Creating Better Quiz Distractors with LLMs

Crafting plausible quiz distractors is hard; a practical workaround is to use a smaller model with a higher temperature to generate incorrect-but-plausible options, though results can still vary.

One early task that seemed like it should be straightforward for a language model—but turned out to be unexpectedly difficult in practice—was generating quizzes.

Language models were already quite good at producing quiz questions when you gave them an article or other source text. The sticking point wasn’t the question or even the correct answer. It was the distractors.

Distractors are hard because they need to be wrong in a very specific way: close enough to feel plausible, but not actually correct. Early models often missed that nuance and produced options that were simply “different,” not “temptingly close.”

Example: Lincoln question and bad distractors

If I asked:

What was Abraham Lincoln’s most famous speech?

and I wanted the correct answer to be:

  • The Gettysburg Address

the model would often generate distractors that were wildly off in category or context, such as:

  • Kennedy’s “To the Moon” speech
  • A line or passage from a movie

Those answers are clearly wrong to a human reader—not because they’re incorrect (they are), but because they don’t feel like plausible confusion. Good distractors tend to be adjacent: the same era, same domain, same kind of thing.

Why this happened

It wasn’t that the model “wanted” to give incorrect answers. If the model understands the question, it generally tries to give the right answer—unless it hallucinates.

Ironically, hallucination ended up being part of my workaround.

A practical workaround I used

I found I could get more usable distractors by intentionally leaning into a known weakness of early models:

  • Use a smaller model
  • Increase the temperature slightly
  • Encourage it to generate incorrect-but-plausible answers

In effect, the model might reason loosely:

“Abraham Lincoln… politician… famous speech or document…”

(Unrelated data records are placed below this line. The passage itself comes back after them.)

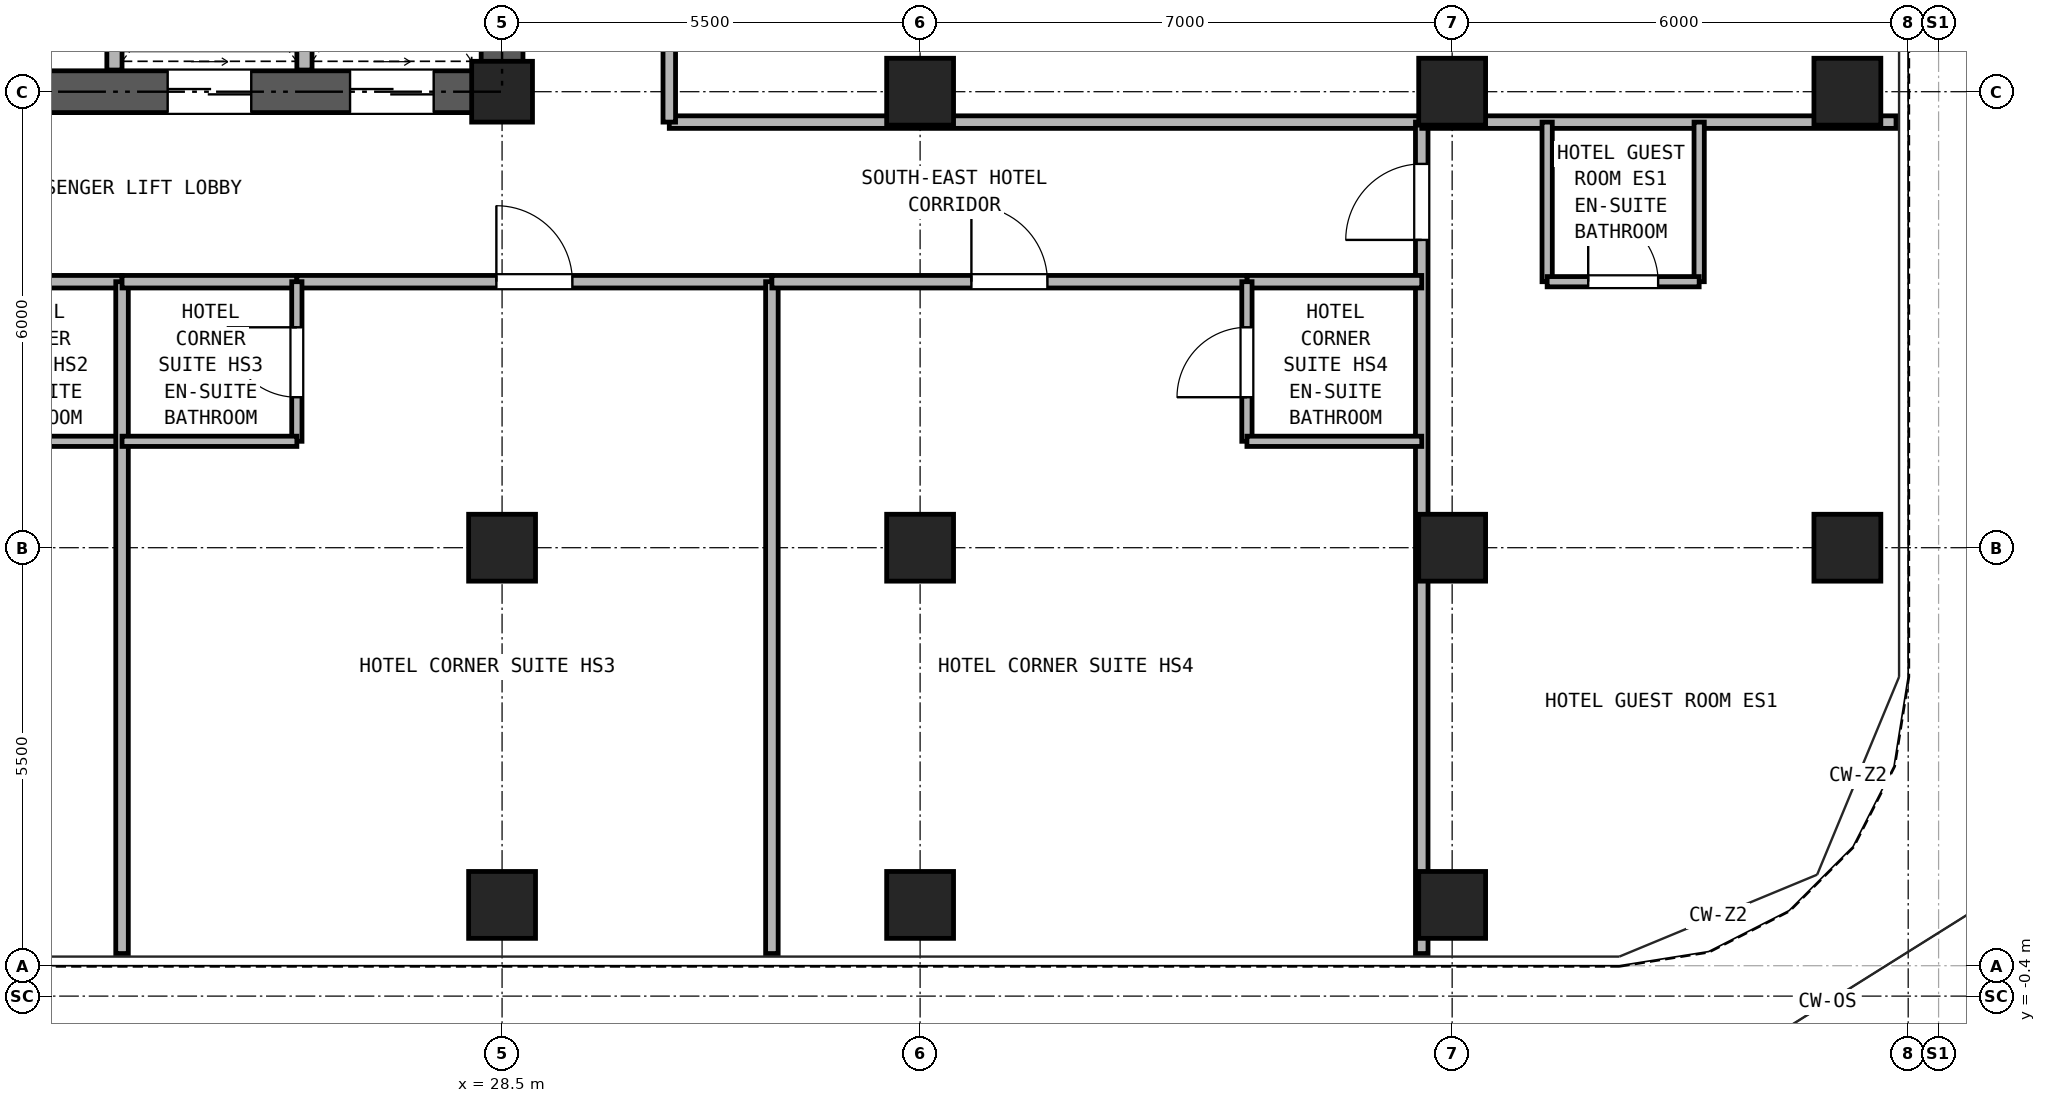
"""IFC4 building model, lengths in metres.
Left out: names, types, materials, properties, quantities, classifications, styles, units other than length and angle.
Written with IfcOpenShell. Run it as: python <this file> out.ifc"""

import sys

from ifc_helpers import new_model, si_unit, direction, frame, frame_2d, origin, origin_2d, place, context, subcontext, project, spatial, rectangle, hollow_rectangle, extrude, source, transform, mapped, element, fill, save


model = new_model("IFC4")
c1 = context("Model", 3, precision=1e-05, world=origin(), true_north=direction((0.0, 1.0)))
c2 = subcontext(c1, "Body", "Model", "MODEL_VIEW")
j1 = project(units=[si_unit("LENGTHUNIT", "METRE"), si_unit("PLANEANGLEUNIT", "RADIAN")], contexts=[c1])
p1 = place(None, origin())
s1 = spatial("IfcSite", under=j1, at=p1, CompositionType="ELEMENT")
p2 = place(p1, origin())
s2 = spatial("IfcBuilding", under=s1, at=p2, CompositionType="ELEMENT")
p3 = place(p2, frame((0.0, 0.0, 105.5)))
s3 = spatial("IfcBuildingStorey", under=s2, at=p3, CompositionType="ELEMENT", Elevation=105.5)
m1 = source(origin(), c2, "Body", "SweptSolid", [
    extrude(hollow_rectangle(XDim=0.88, YDim=0.88, WallThickness=0.05, at=origin_2d()), origin(), (0.0, 0.0, 1.0), 2.95),
])
for number, where, z_axis, x_axis in (
    (1, (28.5, 0.8, 0.0), (0.0, 0.0, 1.0), (1.0, 0.0, 0.0)),
    (2, (34.0, 0.8, 0.0), (0.0, 0.0, 1.0), (1.0, 0.0, 0.0)),
    (3, (41.0, 0.8, 0.0), (0.0, 0.0, 1.0), (1.0, 0.0, 0.0)),
    (4, (46.2, 5.5, 0.0), (0.0, 0.0, 1.0), (1.0, 0.0, 0.0)),
    (5, (46.2, 11.5, 0.0), (0.0, 0.0, 1.0), (1.0, 0.0, 0.0)),
    (6, (28.5, 5.5, 0.0), (0.0, 0.0, 1.0), (1.0, 0.0, 0.0)),
):
    element("IfcColumn", number, at=place(p3, frame(where, z_axis=z_axis, x_axis=x_axis)), inside=s3, PredefinedType="COLUMN", context=c2, shape_type="MappedRepresentation", body=[
        mapped(m1, transform((0.0, 0.0, 0.0), x_axis=(1.0, 0.0, 0.0), y_axis=(0.0, 1.0, 0.0), z_axis=(0.0, 0.0, 1.0), scale=1.0)),
    ])
m2 = source(origin(), c2, "Body", "SweptSolid", [
    extrude(hollow_rectangle(XDim=0.8, YDim=0.8, WallThickness=0.045, at=origin_2d()), origin(), (0.0, 0.0, 1.0), 2.95),
])
p4 = place(p3, frame((28.5, 11.5, 0.0), z_axis=(0.0, 0.0, 1.0), x_axis=(1.0, 0.0, 0.0)))
e7 = element("IfcColumn", 7, at=p4, inside=s3, PredefinedType="COLUMN", context=c2, shape_type="MappedRepresentation", body=[
    mapped(m2, transform((0.0, 0.0, 0.0), x_axis=(1.0, 0.0, 0.0), y_axis=(0.0, 1.0, 0.0), z_axis=(0.0, 0.0, 1.0), scale=1.0)),
])
for number, where, z_axis, x_axis in (
    (8, (34.0, 5.5, 0.0), (0.0, 0.0, 1.0), (1.0, 0.0, 0.0)),
    (9, (34.0, 11.5, 0.0), (0.0, 0.0, 1.0), (1.0, 0.0, 0.0)),
    (10, (41.0, 5.5, 0.0), (0.0, 0.0, 1.0), (1.0, 0.0, 0.0)),
    (11, (41.0, 11.5, 0.0), (0.0, 0.0, 1.0), (1.0, 0.0, 0.0)),
):
    element("IfcColumn", number, at=place(p3, frame(where, z_axis=z_axis, x_axis=x_axis)), inside=s3, PredefinedType="COLUMN", context=c2, shape_type="MappedRepresentation", body=[
        mapped(m1, transform((0.0, 0.0, 0.0), x_axis=(1.0, 0.0, 0.0), y_axis=(0.0, 1.0, 0.0), z_axis=(0.0, 0.0, 1.0), scale=1.0)),
    ])
p5 = place(p3, frame((18.225, 11.5, 0.0), z_axis=(0.0, 0.0, 1.0), x_axis=(1.0, 0.0, 0.0)))
e12 = element("IfcWall", 12, at=p5, inside=s3, PredefinedType="SHEAR", context=c2, shape_type="SweptSolid", body=[
    extrude(rectangle(XDim=10.55, YDim=0.55, at=frame_2d((5.275, 0.0))), origin(), (0.0, 0.0, 1.0), 2.95),
])
p6 = place(p5, frame((2.375, 0.0, 0.0)))
e13 = element("IfcOpeningElement", 13, at=p6, cuts=e12, PredefinedType="OPENING", context=c2, shape_type="SweptSolid", body=[
    extrude(rectangle(XDim=0.95, YDim=2.15, at=frame_2d((0.475, 1.075))), frame((0.0, 0.285, 0.0), z_axis=(0.0, -1.0, 0.0), x_axis=(1.0, 0.0, 0.0)), (0.0, 0.0, 1.0), 0.57),
])
p7 = place(p5, frame((5.875, 0.0, 0.0)))
e14 = element("IfcOpeningElement", 14, at=p7, cuts=e12, PredefinedType="OPENING", context=c2, shape_type="SweptSolid", body=[
    extrude(rectangle(XDim=1.1, YDim=2.25, at=frame_2d((0.55, 1.125))), frame((0.0, 0.285, 0.0), z_axis=(0.0, -1.0, 0.0), x_axis=(1.0, 0.0, 0.0)), (0.0, 0.0, 1.0), 0.57),
])
p8 = place(p5, frame((8.275, 0.0, 0.0)))
e15 = element("IfcOpeningElement", 15, at=p8, cuts=e12, PredefinedType="OPENING", context=c2, shape_type="SweptSolid", body=[
    extrude(rectangle(XDim=1.1, YDim=2.25, at=frame_2d((0.55, 1.125))), frame((0.0, 0.285, 0.0), z_axis=(0.0, -1.0, 0.0), x_axis=(1.0, 0.0, 0.0)), (0.0, 0.0, 1.0), 0.57),
])
p9 = place(p3, frame((28.5, 11.775, 0.0), z_axis=(0.0, 0.0, 1.0), x_axis=(0.0, 1.0, 0.0)))
e16 = element("IfcWall", 16, at=p9, inside=s3, PredefinedType="SHEAR", context=c2, shape_type="SweptSolid", body=[
    extrude(rectangle(XDim=16.7, YDim=0.55, at=frame_2d((8.35, 0.0))), origin(), (0.0, 0.0, 1.0), 2.95),
])
p10 = place(p9, frame((7.375, 0.0, 0.0)))
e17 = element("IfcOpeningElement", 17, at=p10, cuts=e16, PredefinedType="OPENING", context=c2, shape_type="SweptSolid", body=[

and produce something like:

  • The Magna Carta

That’s obviously not correct, but it demonstrates the kind of “close in vibe” error that can sometimes be reshaped into a distractor—especially when you’re trying to quickly generate multiple options.

Additional example (illustrative of the same failure mode)

If you asked a model for distractors to a well-known correct answer, early versions often produced items that were merely famous, not plausibly confusable. For instance, even when the correct answer is a specific historical speech, it might output unrelated famous speeches from other centuries or totally different contexts, because it’s sampling “famous speech” rather than “plausible alternative that a student might choose.”

The “one-shot” problem

The frustrating part was that you couldn’t reliably one-shot the whole thing with a prompt like:

Generate a quiz question, the correct answer, and three good distractors.

You could get decent questions and correct answers, but distractors often required extra prompting steps and more strategy to keep them in the same semantic neighborhood as the truth.

Where this stands now

Newer models are much better at producing reasonable distractors. But at the time, this was a real prompt-design problem that needed solving. My workaround—using a smaller model at higher temperature to generate controlled, plausible-sounding wrong answers—helped, but it still didn’t work for every topic.